Глядя на руины Берлина, под грудой обломков которых навеки погребено столь многое, мы думали: кто в послевоенной Германии поднимет свой мужественный и правдивый голос в защиту человека и его прав на жизнь? Кто в новой Германии запечатлеет для грядущих поколений скорбные образы измученных, обездоленных и искалеченных людей, пролитую ими кровь, перенесенные нечеловеческие страдания? Мне кажется, что я теперь знаю такого художника в Германии. Я верю, что славная ученица Кэте Кольвиц возьмет на себя эту благородную и великую задачу, возьмет для того, чтобы разрешить ее.
От всей души желаю Вам здоровья и сил в Вашем великолепном служении светлым идеалам свободного отныне человечества.
Уважающий Вас А. Горбунков.
14. Х1.45
г. Лейпциг».
С тех пор посыльный иногда приносил художнице корзины с цветами. В послевоенные годы в Лейпциге не так легко было исполнить такой заказ.
И, весело улыбаясь, Фойгт говорит:
— Теперь я расскажу смешное.
Однажды ей позвонили из цветочного магазина и сказали, что у них нет сегодня корзины цветов для фрау Фойгт, заказанной советским офицером. Пришлось сказать, чтобы они не волновались, исполнили заказ, когда будет возможно.
Портрет писался только один сеанс. А. Горбунков возвращался в Москву. Он попросил изобразить себя в одежде эскимоса.

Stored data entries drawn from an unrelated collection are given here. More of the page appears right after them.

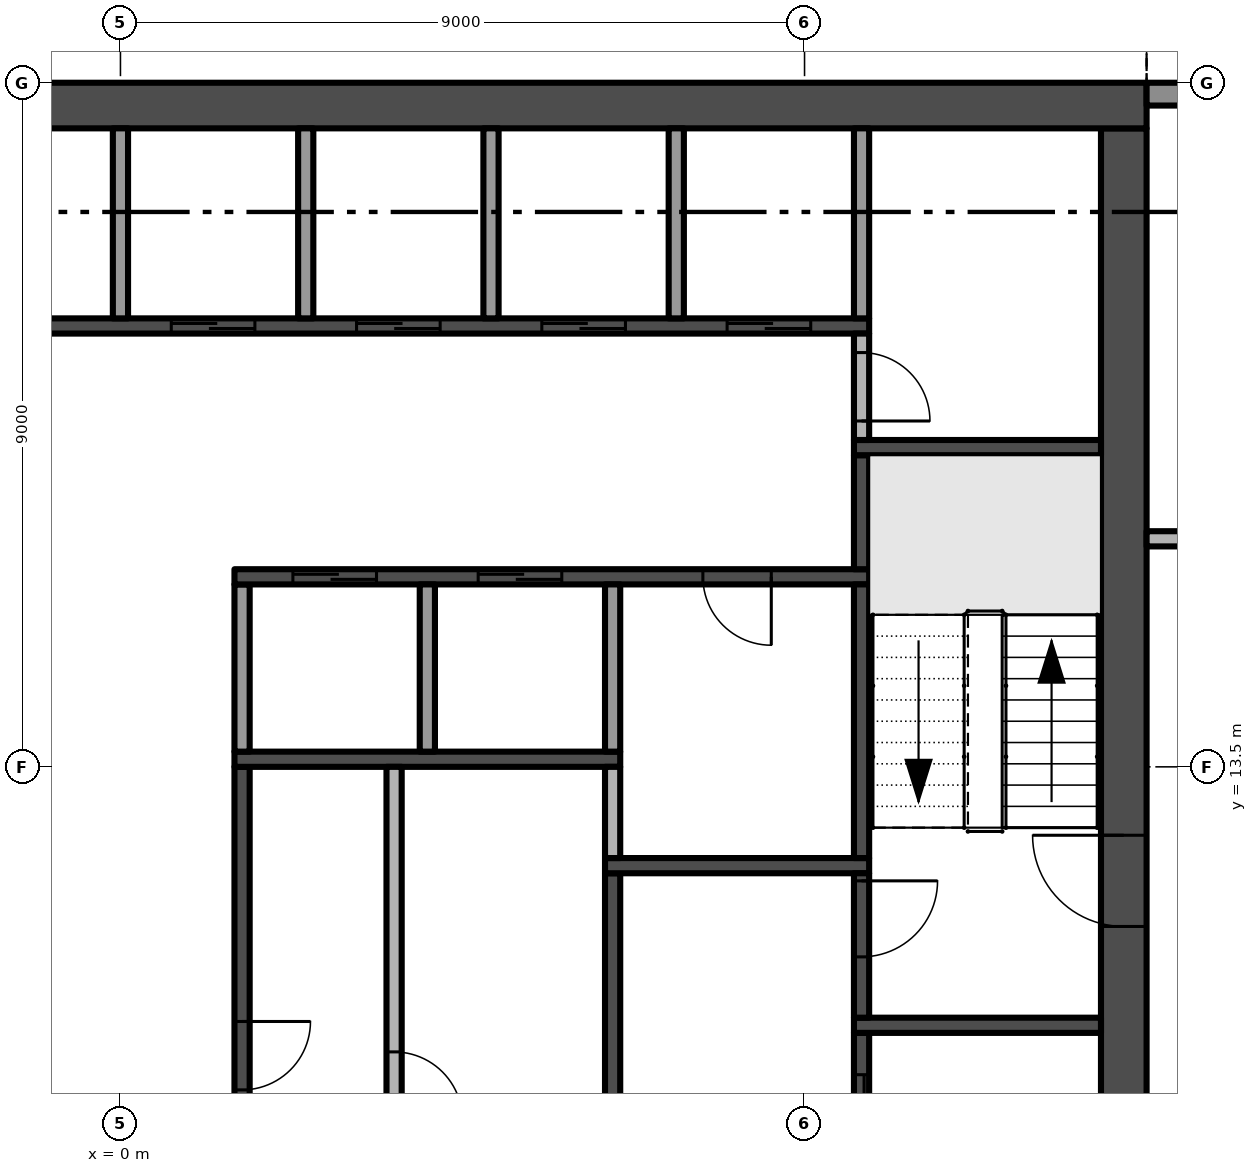
"""IFC4 building model, lengths in metres.
Left out: names, types, materials, properties, quantities, classifications, styles, units other than length and angle.
Written with IfcOpenShell. Run it as: python <this file> out.ifc"""

import sys

from ifc_helpers import new_model, si_unit, direction, frame, frame_2d, origin, place, context, subcontext, project, spatial, polyline, rectangle, outline, extrude, element, fill, save


model = new_model("IFC4")
c1 = context("Model", 3, precision=1e-05, world=origin(), true_north=direction((0.0, 1.0)))
c2 = subcontext(c1, "Body", "Model", "MODEL_VIEW")
j1 = project(units=[si_unit("LENGTHUNIT", "METRE"), si_unit("PLANEANGLEUNIT", "RADIAN")], contexts=[c1])
p1 = place(None, origin())
s1 = spatial("IfcSite", under=j1, at=p1, CompositionType="ELEMENT")
p2 = place(p1, origin())
s2 = spatial("IfcBuilding", under=s1, at=p2, CompositionType="ELEMENT")
p3 = place(p2, frame((0.0, 0.0, 203.4)))
s3 = spatial("IfcBuildingStorey", under=s2, at=p3, CompositionType="ELEMENT", Elevation=203.4)
p4 = place(p3, frame((13.2, 5.1, -0.3), z_axis=(0.0, 0.0, 1.0), x_axis=(0.0, 1.0, 0.0)))
e1 = element("IfcWall", 1, at=p4, inside=s3, PredefinedType="SHEAR", context=c2, shape_type="SweptSolid", body=[
    extrude(rectangle(XDim=16.8, YDim=0.6, at=frame_2d((8.4, 0.0))), origin(), (0.0, 0.0, 1.0), 3.8),
])
p5 = place(p4, frame((6.3, 0.0, 0.3)))
e2 = element("IfcOpeningElement", 2, at=p5, cuts=e1, PredefinedType="OPENING", context=c2, shape_type="SweptSolid", body=[
    extrude(rectangle(XDim=1.2, YDim=2.2, at=frame_2d((0.6, 1.1))), frame((0.0, 0.31, 0.0), z_axis=(0.0, -1.0, 0.0), x_axis=(1.0, 0.0, 0.0)), (0.0, 0.0, 1.0), 0.62),
])
p6 = place(p3, frame((13.5, 22.2, -0.3), z_axis=(0.0, 0.0, 1.0), x_axis=(-1.0, 0.0, 0.0)))
e3 = element("IfcWall", 3, at=p6, inside=s3, PredefinedType="SHEAR", context=c2, shape_type="SweptSolid", body=[
    extrude(rectangle(XDim=27.0, YDim=0.6, at=frame_2d((13.5, 0.0))), origin(), (0.0, 0.0, 1.0), 3.8),
])
p7 = place(p3, frame((13.5, 22.35, 0.0), z_axis=(0.0, 0.0, 1.0), x_axis=(1.0, 0.0, 0.0)))
e4 = element("IfcWall", 4, at=p7, inside=s3, PredefinedType="SOLIDWALL", context=c2, shape_type="SweptSolid", body=[
    extrude(rectangle(XDim=4.0, YDim=0.3, at=frame_2d((2.0, 0.0))), origin(), (0.0, 0.0, 1.0), 3.5),
])
p8 = place(p7, frame((0.625, 0.0, 0.0)))
e5 = element("IfcOpeningElement", 5, at=p8, cuts=e4, PredefinedType="OPENING", context=c2, shape_type="SweptSolid", body=[
    extrude(rectangle(XDim=3.075, YDim=2.4, at=frame_2d((1.538, 1.2))), frame((0.0, 0.16, 0.0), z_axis=(0.0, -1.0, 0.0), x_axis=(1.0, 0.0, 0.0)), (0.0, 0.0, 1.0), 0.32),
])
p9 = place(p3, origin())
e6 = element("IfcWall", 6, at=p9, inside=s3, PredefinedType="USERDEFINED", context=c2, shape_type="SweptSolid", body=[
    extrude(outline(polyline([(22.5, 23.1), (21.0, 23.329), (19.5, 23.929), (18.0, 24.671), (16.5, 25.271), (15.0, 25.5), (13.5, 25.271), (13.538, 25.024), (15.0, 25.247), (16.434, 25.028), (17.898, 24.442), (19.398, 23.701), (20.934, 23.086), (22.462, 22.853), (22.5, 23.1)])), origin(), (0.0, 0.0, 1.0), 0.9),
])
p10 = place(p3, frame((-9.85, 19.3, 0.0), z_axis=(0.0, 0.0, 1.0), x_axis=(1.0, 0.0, 0.0)))
e7 = element("IfcWall", 7, at=p10, inside=s3, PredefinedType="SHEAR", context=c2, shape_type="SweptSolid", body=[
    extrude(rectangle(XDim=19.7, YDim=0.2, at=frame_2d((9.85, 0.0))), origin(), (0.0, 0.0, 1.0), 3.5),
])
p11 = place(p10, frame((10.519, 0.0, 0.0)))
e8 = element("IfcOpeningElement", 8, at=p11, cuts=e7, PredefinedType="OPENING", context=c2, shape_type="SweptSolid", body=[
    extrude(rectangle(XDim=1.1, YDim=2.1, at=frame_2d((0.55, 1.05))), frame((0.0, 0.11, 0.0), z_axis=(0.0, -1.0, 0.0), x_axis=(1.0, 0.0, 0.0)), (0.0, 0.0, 1.0), 0.22),
])
p12 = place(p10, frame((12.956, 0.0, 0.0)))
e9 = element("IfcOpeningElement", 9, at=p12, cuts=e7, PredefinedType="OPENING", context=c2, shape_type="SweptSolid", body=[
    extrude(rectangle(XDim=1.1, YDim=2.1, at=frame_2d((0.55, 1.05))), frame((0.0, 0.11, 0.0), z_axis=(0.0, -1.0, 0.0), x_axis=(1.0, 0.0, 0.0)), (0.0, 0.0, 1.0), 0.22),
])
p13 = place(p10, frame((15.394, 0.0, 0.0)))
e10 = element("IfcOpeningElement", 10, at=p13, cuts=e7, PredefinedType="OPENING", context=c2, shape_type="SweptSolid", body=[
    extrude(rectangle(XDim=1.1, YDim=2.1, at=frame_2d((0.55, 1.05))), frame((0.0, 0.11, 0.0), z_axis=(0.0, -1.0, 0.0), x_axis=(1.0, 0.0, 0.0)), (0.0, 0.0, 1.0), 0.22),
])
p14 = place(p10, frame((17.831, 0.0, 0.0)))
e11 = element("IfcOpeningElement", 11, at=p14, cuts=e7, PredefinedType="OPENING", context=c2, shape_type="SweptSolid", body=[
    extrude(rectangle(XDim=1.1, YDim=2.1, at=frame_2d((0.55, 1.05))), frame((0.0, 0.11, 0.0), z_axis=(0.0, -1.0, 0.0), x_axis=(1.0, 0.0, 0.0)), (0.0, 0.0, 1.0), 0.22),
])
p15 = place(p10, frame((2.087, 0.0, 0.0)))
e12 = element("IfcOpeningElement", 12, at=p15, cuts=e7, PredefinedType="OPENING", context=c2, shape_type="SweptSolid", body=[
    extrude(rectangle(XDim=0.9, YDim=2.1, at=frame_2d((0.45, 1.05))), frame((0.0, 0.11, 0.0), z_axis=(0.0, -1.0, 0.0), x_axis=(1.0, 0.0, 0.0)), (0.0, 0.0, 1.0), 0.22),
])
p16 = place(p10, frame((6.963, 0.0, 0.0)))
e13 = element("IfcOpeningElement", 13, at=p16, cuts=e7, PredefinedType="OPENING", context=c2, shape_type="SweptSolid", body=[
    extrude(rectangle(XDim=0.9, YDim=2.1, at=frame_2d((0.45, 1.05))), frame((0.0, 0.11, 0.0), z_axis=(0.0, -1.0, 0.0), x_axis=(1.0, 0.0, 0.0)), (0.0, 0.0, 1.0), 0.22),
])
p17 = place(p3, frame((0.0, 19.4, 0.0), z_axis=(0.0, 0.0, 1.0), x_axis=(0.0, 1.0, 0.0)))
e14 = element("IfcWall", 14, at=p17, inside=s3, PredefinedType="PARTITIONING", context=c2, shape_type="SweptSolid", body=[
    extrude(rectangle(XDim=2.5, YDim=0.2, at=frame_2d((1.25, 0.0))), origin(), (0.0, 0.0, 1.0), 3.5),
])
p18 = place(p3, frame((1.6, 13.5, 0.0), z_axis=(0.0, 0.0, 1.0), x_axis=(0.0, -1.0, 0.0)))
e15 = element("IfcWall", 15, at=p18, inside=s3, PredefinedType="SHEAR", context=c2, shape_type="SweptSolid", body=[
    extrude(rectangle(XDim=8.4, YDim=0.2, at=frame_2d((4.2, 0.0))), origin(), (0.0, 0.0, 1.0), 3.5),
])
p19 = place(p18, frame((3.35, 0.0, 0.0)))
e16 = element("IfcOpeningElement", 16, at=p19, cuts=e15, PredefinedType="OPENING", context=c2, shape_type="SweptSolid", body=[
    extrude(rectangle(XDim=0.9, YDim=2.1, at=frame_2d((0.45, 1.05))), frame((0.0, 0.11, 0.0), z_axis=(0.0, -1.0, 0.0), x_axis=(1.0, 0.0, 0.0)), (0.0, 0.0, 1.0), 0.22),
])
p20 = place(p3, frame((1.5, 13.6, 0.0), z_axis=(0.0, 0.0, 1.0), x_axis=(1.0, 0.0, 0.0)))
e17 = element("IfcWall", 17, at=p20, inside=s3, PredefinedType="SHEAR", context=c2, shape_type="SweptSolid", body=[
    extrude(rectangle(XDim=5.075, YDim=0.2, at=frame_2d((2.538, 0.0))), origin(), (0.0, 0.0, 1.0), 3.5),
])
p21 = place(p3, frame((1.6, 13.7, 0.0), z_axis=(0.0, 0.0, 1.0), x_axis=(0.0, 1.0, 0.0)))
e18 = element("IfcWall", 18, at=p21, inside=s3, PredefinedType="PARTITIONING", context=c2, shape_type="SweptSolid", body=[
    extrude(rectangle(XDim=2.2, YDim=0.2, at=frame_2d((1.1, 0.0))), origin(), (0.0, 0.0, 1.0), 3.5),
])
p22 = place(p3, frame((9.85, 16.0, 0.0), z_axis=(0.0, 0.0, 1.0), x_axis=(-1.0, 0.0, 0.0)))
e19 = element("IfcWall", 19, at=p22, inside=s3, PredefinedType="SHEAR", context=c2, shape_type="SweptSolid", body=[
    extrude(rectangle(XDim=8.35, YDim=0.2, at=frame_2d((4.175, 0.0))), origin(), (0.0, 0.0, 1.0), 3.5),
])
p23 = place(p22, frame((6.481, 0.0, 0.0)))
e20 = element("IfcOpeningElement", 20, at=p23, cuts=e19, PredefinedType="OPENING", context=c2, shape_type="SweptSolid", body=[
    extrude(rectangle(XDim=1.1, YDim=2.1, at=frame_2d((0.55, 1.05))), frame((0.0, 0.11, 0.0), z_axis=(0.0, -1.0, 0.0), x_axis=(1.0, 0.0, 0.0)), (0.0, 0.0, 1.0), 0.22),
])
p24 = place(p22, frame((4.044, 0.0, 0.0)))
e21 = element("IfcOpeningElement", 21, at=p24, cuts=e19, PredefinedType="OPENING", context=c2, shape_type="SweptSolid", body=[
    extrude(rectangle(XDim=1.1, YDim=2.1, at=frame_2d((0.55, 1.05))), frame((0.0, 0.11, 0.0), z_axis=(0.0, -1.0, 0.0), x_axis=(1.0, 0.0, 0.0)), (0.0, 0.0, 1.0), 0.22),
])
p25 = place(p22, frame((1.288, 0.0, 0.0)))
e22 = element("IfcOpeningElement", 22, at=p25, cuts=e19, PredefinedType="OPENING", context=c2, shape_type="SweptSolid", body=[
    extrude(rectangle(XDim=0.9, YDim=2.1, at=frame_2d((0.45, 1.05))), frame((0.0, 0.11, 0.0), z_axis=(0.0, -1.0, 0.0), x_axis=(1.0, 0.0, 0.0)), (0.0, 0.0, 1.0), 0.22),
])
p26 = place(p3, frame((2.438, 19.4, 0.0), z_axis=(0.0, 0.0, 1.0), x_axis=(0.0, 1.0, 0.0)))
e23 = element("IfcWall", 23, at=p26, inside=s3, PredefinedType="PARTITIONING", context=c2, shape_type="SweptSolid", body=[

Потом след знакомства затерялся. Один из печатников Лейпцига побывал с делегацией в Москве, виделся с Горбунковым. На этом все оборвалось.
Элизабет Фойгт подарила мне этот этюд, свидетельствующий о неистребимой дружбе между нашими народами. Может быть, когда-нибудь эти страницы прочитает А. Горбунков и захочет взглянуть на свой портрет. Я бы очень хотела, чтобы это произошло.
Уже совсем стемнело, когда мы попрощались с Элизабет Фойгт. Был жаркий, неправдоподобно знойный день. У раскрытого окна долго еще стояла легкая, хрупкая фигура и махала мне вслед.
Одним из учеников графической мастерской Кольвиц был также польский художник Иосиф Шварцман. Когда ему пришлось покинуть Германию, он часто писал своей руководительнице.
Ее интересовало все: как он устроился, получил ли работу, достаточно ли зарабатывает на жизнь. Но главное, что не переставало занимать: продвигается ли он художественно, остается ли время для творчества. Она советует ему непременно участвовать на выставках. Нет ничего полезнее, как увидеть свои работы среди других.
Одно из писем своему бывшему ученику Кольвиц закончила таким молодым советом:
«Я хотела бы сказать: отпустите поводья, больше рискуйте. Всегда требуйте многого от своего искусства, но не ограничивайте себя так узко. Будьте в подлинном смысле слова легкомысленным. Я знаю хорошо, кому это говорю, а именно человеку с такой строгой художественной совестью».
Каждый день почтальон приносил пачки писем, адресованных Кэте Кольвиц. К ней обращались люди с самыми различными просьбами. Она старалась никому не отказывать, даже если речь часто шла о деньгах.
Она хорошо понимала отчаяние бедности.
Ни одно письмо не оставалось без ответа. Это было непреложным правилом, хотя и отнимало много сил.
Утро — работа в ателье, вечера — заочные разговоры с людьми, ожидающими ее поддержки. Среди огромной почты было много писем молодых художников. С ними через письма возникала дружба. И долгие годы заочные советы неутомимой женщины были для них направляющими.
Начиналось с самого простого. Молодая художница Мендель жалуется ей, что трудно даются быстрые зарисовки зверей. В художественной школе без них не обойтись.
Кольвиц приходит на помощь:
«Не отступайте… Именно то и другое должно идти рука об руку — верное натурное штудирование предметов при полном следовании им до мельчайших подробностей и быстрое схватывание существа явлений.
Когда я училась, преданное штудирование натуры было всем, грехом как раз считалось провести штрих, который нельзя было бы проверить на натуре. Это было односторонне. Тренируйте себя прилежно в рисовании по памяти, заостряйте Вашу память».
Другая подопечная — скульптор Гертруда Вейберлен — тоже долгие годы получала письма Кольвиц, в которых критически разбирались ее работы. Она знакомилась с ними по присланным фотографиям.
Критика обычно очень честная, доброжелательная, но и строгая. Цель одна — передать свой огромный опыт. Она пишет однажды:
«О Вашей работе… Законченность, конечно, хороша, она уже присуща Вам… Но я не могу согласиться с тем, как Вы делаете глаза. Создается впечатление, мне так кажется, что это завоевано не совсем честно пластически. Изменится освещение, и ничего не останется от того впечатления, которое сейчас дает тень. Все остальное в лице я нахожу хорошим».